Experts indicated that DOACs are frequently used in adult clinical practice and that they increase the risk of bleeding (even if it is lower compared with warfarin, they have more risk compared with people with no treatment). One of the experts considered that there is no variability in clinical practice when deciding the care pathway after a traumatic brain injury (including diagnosis and management). The expert mentioned that DOACs are generally treated the same as warfarin, with all patients receiving a CT head scan as part of their initial assessment. However, another topic expert highlighted that there is variability in the clinical practice due to the lack of explicit and concise guidance in this area. One of the topic experts also mentioned that a recent ICH is a contraindication for DOACs, so neuroimaging is needed to assess if it safe to continue the treatment. In general, topic experts considered that there is a need for guidance on DOACs. Two experts mentioned that the recommendation needs to include DOACs alongside warfarin, so all patients on anticoagulants should receive a CT head scan (as described in NICE's quality standard on head injury). Two of them stated that in terms of imaging after a head injury, people receiving DOACs should be investigated in the same way as people on warfarin.
Considering all the information gathered and the new evidence identified we concluded that this area needs to be updated and there be consistency in NICE products to encourage and support better implementation.
NICE was informed of the recent publication of the British Neurotrauma Group (BNG) guidance on screening and management of pituitary dysfunction after a traumatic brain injury (Tan et al. 2017). The guidance includes recommendations for the identification and management of pituitary dysfunction during hospital admission and after discharge. Most of the recommendations included are based on expert opinion and clinical experience, given the limited evidence identified in the area. The BNG guidance does not recommend screening all people on admission, only those with clinical suspicion of cortisol insufficiency, cranial diabetes insipidus, and syndrome of inappropriate antidiuretic hormone (SIADH). So, it is likely to be done when the patient is admitted and managed within specialised care. As it stands, this publication is not relevant to the NICE guideline because it covers the early management of head injury. The management in specialised care such as neurosurgical units or intensive care is not addressed in the guideline. However, the management of significant head injuries is an important clinical issue and is not covered in the products included in the NICE portfolio. So, an extension of the NICE guideline scope to include the management of significant head injuries (such as the identification and management of post head injury hypopituitarism) is needed.

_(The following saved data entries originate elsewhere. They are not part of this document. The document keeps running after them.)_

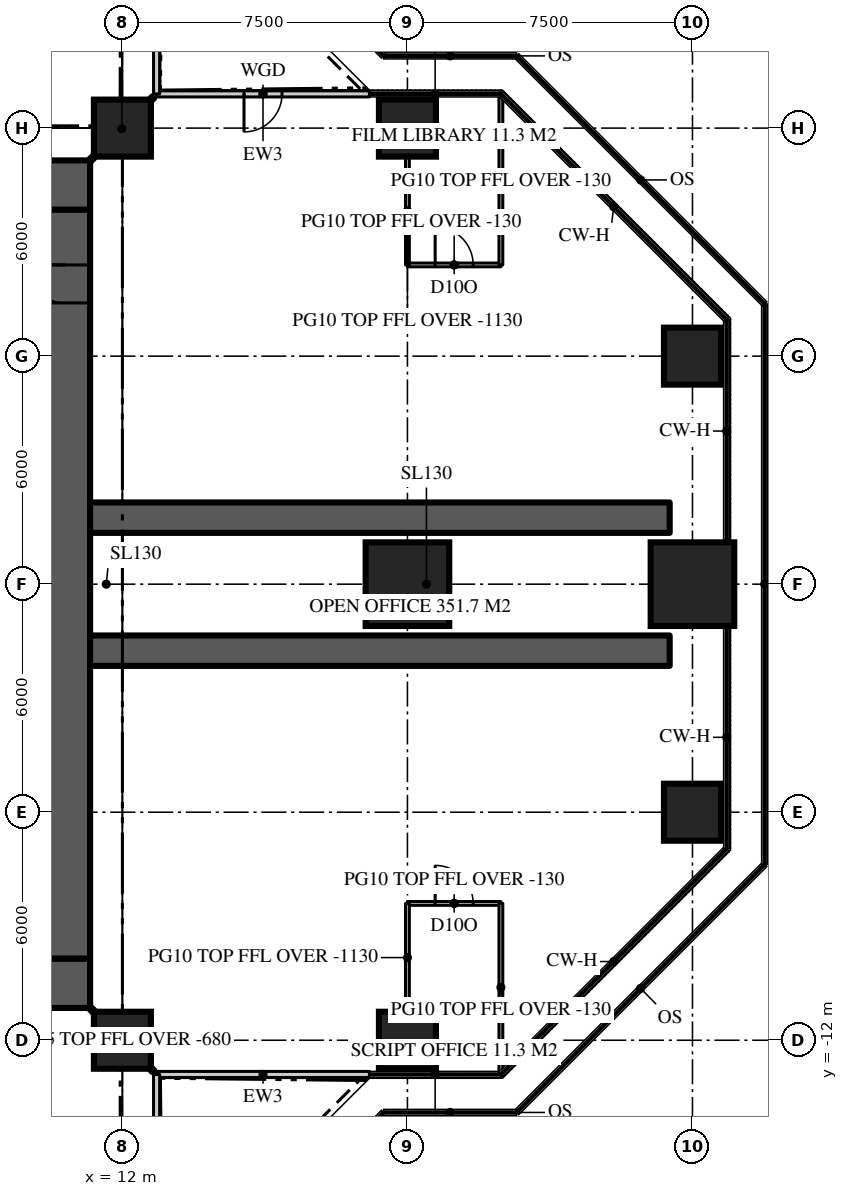
"""IFC4 building model, lengths in metres.
Left out: names, types, materials, properties, quantities, classifications, styles, units other than length and angle.
Written with IfcOpenShell. Run it as: python <this file> out.ifc"""

import sys

from ifc_helpers import new_model, si_unit, direction, frame, frame_2d, origin, origin_2d, place, context, subcontext, project, spatial, rectangle, extrude, element, fill, save


model = new_model("IFC4")
c1 = context("Model", 3, precision=1e-05, world=origin(), true_north=direction((0.0, 1.0)))
c2 = subcontext(c1, "Body", "Model", "MODEL_VIEW")
j1 = project(units=[si_unit("LENGTHUNIT", "METRE"), si_unit("PLANEANGLEUNIT", "RADIAN")], contexts=[c1])
p1 = place(None, origin())
s1 = spatial("IfcSite", under=j1, at=p1, CompositionType="ELEMENT")
p2 = place(p1, origin())
s2 = spatial("IfcBuilding", under=s1, at=p2, CompositionType="ELEMENT")
p3 = place(p2, frame((0.0, 0.0, 251.7)))
s3 = spatial("IfcBuildingStorey", under=s2, at=p3, CompositionType="ELEMENT", Elevation=251.7)
p4 = place(p3, frame((-11.15, 10.5, 0.0), z_axis=(0.0, 0.0, 1.0), x_axis=(1.0, 0.0, 0.0)))
e1 = element("IfcWall", 1, at=p4, inside=s3, PredefinedType="SHEAR", context=c2, shape_type="SweptSolid", body=[
    extrude(rectangle(XDim=22.3, YDim=1.3, at=frame_2d((11.15, 0.0))), origin(), (0.0, 0.0, 1.0), 3.9),
])
p5 = place(p4, frame((4.25, 0.0, 0.0)))
e2 = element("IfcOpeningElement", 2, at=p5, cuts=e1, PredefinedType="OPENING", context=c2, shape_type="SweptSolid", body=[
    extrude(rectangle(XDim=1.8, YDim=2.2, at=frame_2d((0.9, 1.1))), frame((0.0, 0.66, 0.0), z_axis=(0.0, -1.0, 0.0), x_axis=(1.0, 0.0, 0.0)), (0.0, 0.0, 1.0), 1.32),
])
p6 = place(p4, frame((16.25, 0.0, 0.0)))
e3 = element("IfcOpeningElement", 3, at=p6, cuts=e1, PredefinedType="OPENING", context=c2, shape_type="SweptSolid", body=[
    extrude(rectangle(XDim=1.8, YDim=2.2, at=frame_2d((0.9, 1.1))), frame((0.0, 0.66, 0.0), z_axis=(0.0, -1.0, 0.0), x_axis=(1.0, 0.0, 0.0)), (0.0, 0.0, 1.0), 1.32),
])
p7 = place(p3, frame((11.15, -10.5, 0.0), z_axis=(0.0, 0.0, 1.0), x_axis=(-1.0, 0.0, 0.0)))
e4 = element("IfcWall", 4, at=p7, inside=s3, PredefinedType="SHEAR", context=c2, shape_type="SweptSolid", body=[
    extrude(rectangle(XDim=22.3, YDim=1.3, at=frame_2d((11.15, 0.0))), origin(), (0.0, 0.0, 1.0), 3.9),
])
p8 = place(p7, frame((16.25, 0.0, 0.0)))
e5 = element("IfcOpeningElement", 5, at=p8, cuts=e4, PredefinedType="OPENING", context=c2, shape_type="SweptSolid", body=[
    extrude(rectangle(XDim=1.8, YDim=2.2, at=frame_2d((0.9, 1.1))), frame((0.0, 0.66, 0.0), z_axis=(0.0, -1.0, 0.0), x_axis=(1.0, 0.0, 0.0)), (0.0, 0.0, 1.0), 1.32),
])
p9 = place(p7, frame((4.25, 0.0, 0.0)))
e6 = element("IfcOpeningElement", 6, at=p9, cuts=e4, PredefinedType="OPENING", context=c2, shape_type="SweptSolid", body=[
    extrude(rectangle(XDim=1.8, YDim=2.2, at=frame_2d((0.9, 1.1))), frame((0.0, 0.66, 0.0), z_axis=(0.0, -1.0, 0.0), x_axis=(1.0, 0.0, 0.0)), (0.0, 0.0, 1.0), 1.32),
])
p10 = place(p3, frame((10.5, -9.85, 0.0), z_axis=(0.0, 0.0, 1.0), x_axis=(0.0, 1.0, 0.0)))
e7 = element("IfcWall", 7, at=p10, inside=s3, PredefinedType="SHEAR", context=c2, shape_type="SweptSolid", body=[
    extrude(rectangle(XDim=19.7, YDim=1.3, at=frame_2d((9.85, 0.0))), origin(), (0.0, 0.0, 1.0), 3.9),
])
p11 = place(p10, frame((17.25, 0.0, 0.0)))
e8 = element("IfcOpeningElement", 8, at=p11, cuts=e7, PredefinedType="OPENING", context=c2, shape_type="SweptSolid", body=[
    extrude(rectangle(XDim=1.0, YDim=2.2, at=frame_2d((0.5, 1.1))), frame((0.0, 0.66, 0.0), z_axis=(0.0, -1.0, 0.0), x_axis=(1.0, 0.0, 0.0)), (0.0, 0.0, 1.0), 1.32),
])
for number, where, z_axis, x_axis in (
    (9, (11.15, -1.75, 0.0), (0.0, 0.0, 1.0), (1.0, 0.0, 0.0)),
    (10, (11.15, 1.75, 0.0), (0.0, 0.0, 1.0), (1.0, 0.0, 0.0)),
):
    element("IfcWall", number, at=place(p3, frame(where, z_axis=z_axis, x_axis=x_axis)), inside=s3, PredefinedType="SHEAR", context=c2, shape_type="SweptSolid", body=[
        extrude(rectangle(XDim=15.25, YDim=0.8, at=frame_2d((7.625, 0.0))), origin(), (0.0, 0.0, 1.0), 3.9),
    ])
for number, where, z_axis, x_axis in (
    (11, (12.0, -12.0, 0.0), (0.0, 0.0, 1.0), (1.0, 0.0, 0.0)),
    (12, (19.5, -12.0, 0.0), (0.0, 0.0, 1.0), (1.0, 0.0, 0.0)),
    (13, (27.0, -6.0, 0.0), (0.0, 0.0, 1.0), (1.0, 0.0, 0.0)),
):
    element("IfcColumn", number, at=place(p3, frame(where, z_axis=z_axis, x_axis=x_axis)), inside=s3, PredefinedType="COLUMN", context=c2, shape_type="SweptSolid", body=[
        extrude(rectangle(XDim=1.5, YDim=1.5, at=origin_2d()), origin(), (0.0, 0.0, 1.0), 3.9),
    ])
for number, where, z_axis, x_axis in (
    (14, (19.5, 0.0, 0.0), (0.0, 0.0, 1.0), (1.0, 0.0, 0.0)),
    (15, (27.0, 0.0, 0.0), (0.0, 0.0, 1.0), (1.0, 0.0, 0.0)),
):
    element("IfcColumn", number, at=place(p3, frame(where, z_axis=z_axis, x_axis=x_axis)), inside=s3, PredefinedType="COLUMN", context=c2, shape_type="SweptSolid", body=[
        extrude(rectangle(XDim=2.2, YDim=2.2, at=origin_2d()), origin(), (0.0, 0.0, 1.0), 3.9),
    ])
for number, where, z_axis, x_axis in (
    (16, (27.0, 6.0, 0.0), (0.0, 0.0, 1.0), (1.0, 0.0, 0.0)),
    (17, (12.0, 12.0, 0.0), (0.0, 0.0, 1.0), (1.0, 0.0, 0.0)),
    (18, (19.5, 12.0, 0.0), (0.0, 0.0, 1.0), (1.0, 0.0, 0.0)),
):
    element("IfcColumn", number, at=place(p3, frame(where, z_axis=z_axis, x_axis=x_axis)), inside=s3, PredefinedType="COLUMN", context=c2, shape_type="SweptSolid", body=[
        extrude(rectangle(XDim=1.5, YDim=1.5, at=origin_2d()), origin(), (0.0, 0.0, 1.0), 3.9),
    ])
p12 = place(p3, frame((12.9, -12.9, 0.0), z_axis=(0.0, 0.0, 1.0), x_axis=(1.0, 0.0, 0.0)))
e19 = element("IfcWall", 19, at=p12, inside=s3, PredefinedType="SOLIDWALL", context=c2, shape_type="SweptSolid", body=[
    extrude(rectangle(XDim=5.6, YDim=0.16, at=frame_2d((2.8, 0.0))), origin(), (0.0, 0.0, 1.0), 3.77),
])
p13 = place(p3, frame((18.5, 12.9, 0.0), z_axis=(0.0, 0.0, 1.0), x_axis=(-1.0, 0.0, 0.0)))
e20 = element("IfcWall", 20, at=p13, inside=s3, PredefinedType="SOLIDWALL", context=c2, shape_type="SweptSolid", body=[
    extrude(rectangle(XDim=5.6, YDim=0.16, at=frame_2d((2.8, 0.0))), origin(), (0.0, 0.0, 1.0), 3.77),
])
p14 = place(p13, frame((2.3, 0.0, 0.0)))
e21 = element("IfcOpeningElement", 21, at=p14, cuts=e20, PredefinedType="OPENING", context=c2, shape_type="SweptSolid", body=[
    extrude(rectangle(XDim=1.0, YDim=2.2, at=frame_2d((0.5, 1.1))), frame((0.0, 0.09, 0.0), z_axis=(0.0, -1.0, 0.0), x_axis=(1.0, 0.0, 0.0)), (0.0, 0.0, 1.0), 0.18),
])
p15 = place(p3, frame((12.9, 12.9, 0.0), z_axis=(0.0, 0.0, 1.0), x_axis=(0.0, 1.0, 0.0)))
e22 = element("IfcWall", 22, at=p15, inside=s3, PredefinedType="SOLIDWALL", context=c2, shape_type="SweptSolid", body=[
    extrude(rectangle(XDim=5.6, YDim=0.16, at=frame_2d((2.8, 0.0))), origin(), (0.0, 0.0, 1.0), 3.77),
])
p16 = place(p3, frame((12.9, -18.5, 0.0), z_axis=(0.0, 0.0, 1.0), x_axis=(0.0, 1.0, 0.0)))
e23 = element("IfcWall", 23, at=p16, inside=s3, PredefinedType="SOLIDWALL", context=c2, shape_type="SweptSolid", body=[
    extrude(rectangle(XDim=5.6, YDim=0.16, at=frame_2d((2.8, 0.0))), origin(), (0.0, 0.0, 1.0), 3.77),
])
p17 = place(p16, frame((2.3, 0.0, 0.0)))
e24 = element("IfcOpeningElement", 24, at=p17, cuts=e23, PredefinedType="OPENING", context=c2, shape_type="SweptSolid", body=[
    extrude(rectangle(XDim=1.0, YDim=2.2, at=frame_2d((0.5, 1.1))), frame((0.0, 0.09, 0.0), z_axis=(0.0, -1.0, 0.0), x_axis=(1.0, 0.0, 0.0)), (0.0, 0.0, 1.0), 0.18),
])
p18 = place(p3, frame((19.5, 8.4, 0.0), z_axis=(0.0, 0.0, 1.0), x_axis=(1.0, 0.0, 0.0)))
e25 = element("IfcWall", 25, at=p18, inside=s3, PredefinedType="PARTITIONING", context=c2, shape_type="SweptSolid", body=[
    extrude(rectangle(XDim=2.459, YDim=0.1, at=frame_2d((1.229, 0.0))), origin(), (0.0, 0.0, 1.0), 3.77),
])
p19 = place(p18, frame((0.729, 0.0, 0.0)))
e26 = element("IfcOpeningElement", 26, at=p19, cuts=e25, PredefinedType="OPENING", context=c2, shape_type="SweptSolid", body=[
    extrude(rectangle(XDim=1.0, YDim=2.2, at=frame_2d((0.5, 1.1))), frame((0.0, 0.06, 0.0), z_axis=(0.0, -1.0, 0.0), x_axis=(1.0, 0.0, 0.0)), (0.0, 0.0, 1.0), 0.12),
])
p20 = place(p3, frame((19.5, 8.4, 0.0), z_axis=(0.0, 0.0, 1.0), x_axis=(0.0, 1.0, 0.0)))
e27 = element("IfcWall", 27, at=p20, inside=s3, PredefinedType="PARTITIONING", context=c2, shape_type="SweptSolid", body=[
    extrude(rectangle(XDim=2.85, YDim=0.1, at=frame_2d((1.425, 0.0))), origin(), (0.0, 0.0, 1.0), 2.77),
])
p21 = place(p3, frame((21.959, 8.4, 0.0), z_axis=(0.0, 0.0, 1.0), x_axis=(0.0, 1.0, 0.0)))
e28 = element("IfcWall", 28, at=p21, inside=s3, PredefinedType="PARTITIONING", context=c2, shape_type="SweptSolid", body=[
    extrude(rectangle(XDim=4.42, YDim=0.1, at=frame_2d((2.21, 0.0))), origin(), (0.0, 0.0, 1.0), 3.77),
])
p22 = place(p3, frame((19.5, -8.4, 0.0), z_axis=(0.0, 0.0, 1.0), x_axis=(1.0, 0.0, 0.0)))
e29 = element("IfcWall", 29, at=p22, inside=s3, PredefinedType="PARTITIONING", context=c2, shape_type="SweptSolid", body=[
    extrude(rectangle(XDim=2.459, YDim=0.1, at=frame_2d((1.229, 0.0))), origin(), (0.0, 0.0, 1.0), 3.77),
])
p23 = place(p22, frame((0.729, 0.0, 0.0)))
e30 = element("IfcOpeningElement", 30, at=p23, cuts=e29, PredefinedType="OPENING", context=c2, shape_type="SweptSolid", body=[
    extrude(rectangle(XDim=1.0, YDim=2.2, at=frame_2d((0.5, 1.1))), frame((0.0, 0.06, 0.0), z_axis=(0.0, -1.0, 0.0), x_axis=(1.0, 0.0, 0.0)), (0.0, 0.0, 1.0), 0.12),
])
p24 = place(p3, frame((19.5, -8.4, 0.0), z_axis=(0.0, 0.0, 1.0), x_axis=(0.0, -1.0, 0.0)))
e31 = element("IfcWall", 31, at=p24, inside=s3, PredefinedType="PARTITIONING", context=c2, shape_type="SweptSolid", body=[
    extrude(rectangle(XDim=2.85, YDim=0.1, at=frame_2d((1.425, 0.0))), origin(), (0.0, 0.0, 1.0), 2.77),
])
p25 = place(p3, frame((21.959, -8.4, 0.0), z_axis=(0.0, 0.0, 1.0), x_axis=(0.0, -1.0, 0.0)))
e32 = element("IfcWall", 32, at=p25, inside=s3, PredefinedType="PARTITIONING", context=c2, shape_type="SweptSolid", body=[
    extrude(rectangle(XDim=4.42, YDim=0.1, at=frame_2d((2.21, 0.0))), origin(), (0.0, 0.0, 1.0), 3.77),
])
for number, where, z_axis, x_axis in (
    (33, (11.15, 11.15, 0.0), (0.0, 0.0, 1.0), (0.707, 0.707, 0.0)),
    (34, (11.15, -11.15, 0.0), (0.0, 0.0, 1.0), (0.707, -0.707, 0.0)),
):
    element("IfcWall", number, at=place(p3, frame(where, z_axis=z_axis, x_axis=x_axis)), inside=s3, PredefinedType="PARTITIONING", context=c2, shape_type="SweptSolid", body=[
        extrude(rectangle(XDim=2.362, YDim=0.15, at=frame_2d((1.181, 0.0))), origin(), (0.0, 0.0, 1.0), 3.22),
    ])
p26 = place(p14, origin())
e35 = element("IfcDoor", 35, at=p26, inside=s3, OperationType="SINGLE_SWING_RIGHT", PredefinedType="DOOR", context=c2, shape_type="SweptSolid", body=[
    extrude(rectangle(XDim=1.0, YDim=2.2, at=frame_2d((0.5, 1.1))), frame((0.0, 0.025, 0.0), z_axis=(0.0, -1.0, 0.0), x_axis=(1.0, 0.0, 0.0)), (0.0, 0.0, 1.0), 0.05),
])
fill(e21, e35)
p27 = place(p11, origin())
e36 = element("IfcDoor", 36, at=p27, inside=s3, OperationType="SINGLE_SWING_RIGHT", PredefinedType="DOOR", context=c2, shape_type="SweptSolid", body=[
    extrude(rectangle(XDim=1.0, YDim=2.2, at=frame_2d((0.5, 1.1))), frame((0.0, 0.025, 0.0), z_axis=(0.0, -1.0, 0.0), x_axis=(1.0, 0.0, 0.0)), (0.0, 0.0, 1.0), 0.05),
])
fill(e8, e36)
p28 = place(p19, origin())
e37 = element("IfcDoor", 37, at=p28, inside=s3, OperationType="SINGLE_SWING_LEFT", PredefinedType="DOOR", context=c2, shape_type="SweptSolid", body=[
    extrude(rectangle(XDim=1.0, YDim=2.2, at=frame_2d((0.5, 1.1))), frame((0.0, 0.025, 0.0), z_axis=(0.0, -1.0, 0.0), x_axis=(1.0, 0.0, 0.0)), (0.0, 0.0, 1.0), 0.05),
])
fill(e26, e37)
p29 = place(p23, origin())
e38 = element("IfcDoor", 38, at=p29, inside=s3, OperationType="SINGLE_SWING_LEFT", PredefinedType="DOOR", context=c2, shape_type="SweptSolid", body=[
    extrude(rectangle(XDim=1.0, YDim=2.2, at=frame_2d((0.5, 1.1))), frame((0.0, 0.025, 0.0), z_axis=(0.0, -1.0, 0.0), x_axis=(1.0, 0.0, 0.0)), (0.0, 0.0, 1.0), 0.05),
])
fill(e30, e38)
save(model, sys.argv[1])

NICE received a Coroner's letter in June 2019 which raised concerns about the NICE guideline not adequately considering the management of indirect brain injuries (not caused by direct trauma in the head) in elderly patients. The Coroner's report highlights that this type of injury mechanism (which is more likely to occur in older people) is not well considered in the NICE guideline, and actions need to be taken to prevent further incidents.
Head injuries caused by direct or indirect trauma of the head are both considered in the NICE guideline. However, the guideline could be more explicit that brain injuries caused by indirect trauma is also included in the guidance. The update needs to clarify that the guideline applies to indirect head injuries (for example, making the definition clearer and easier for users to understand).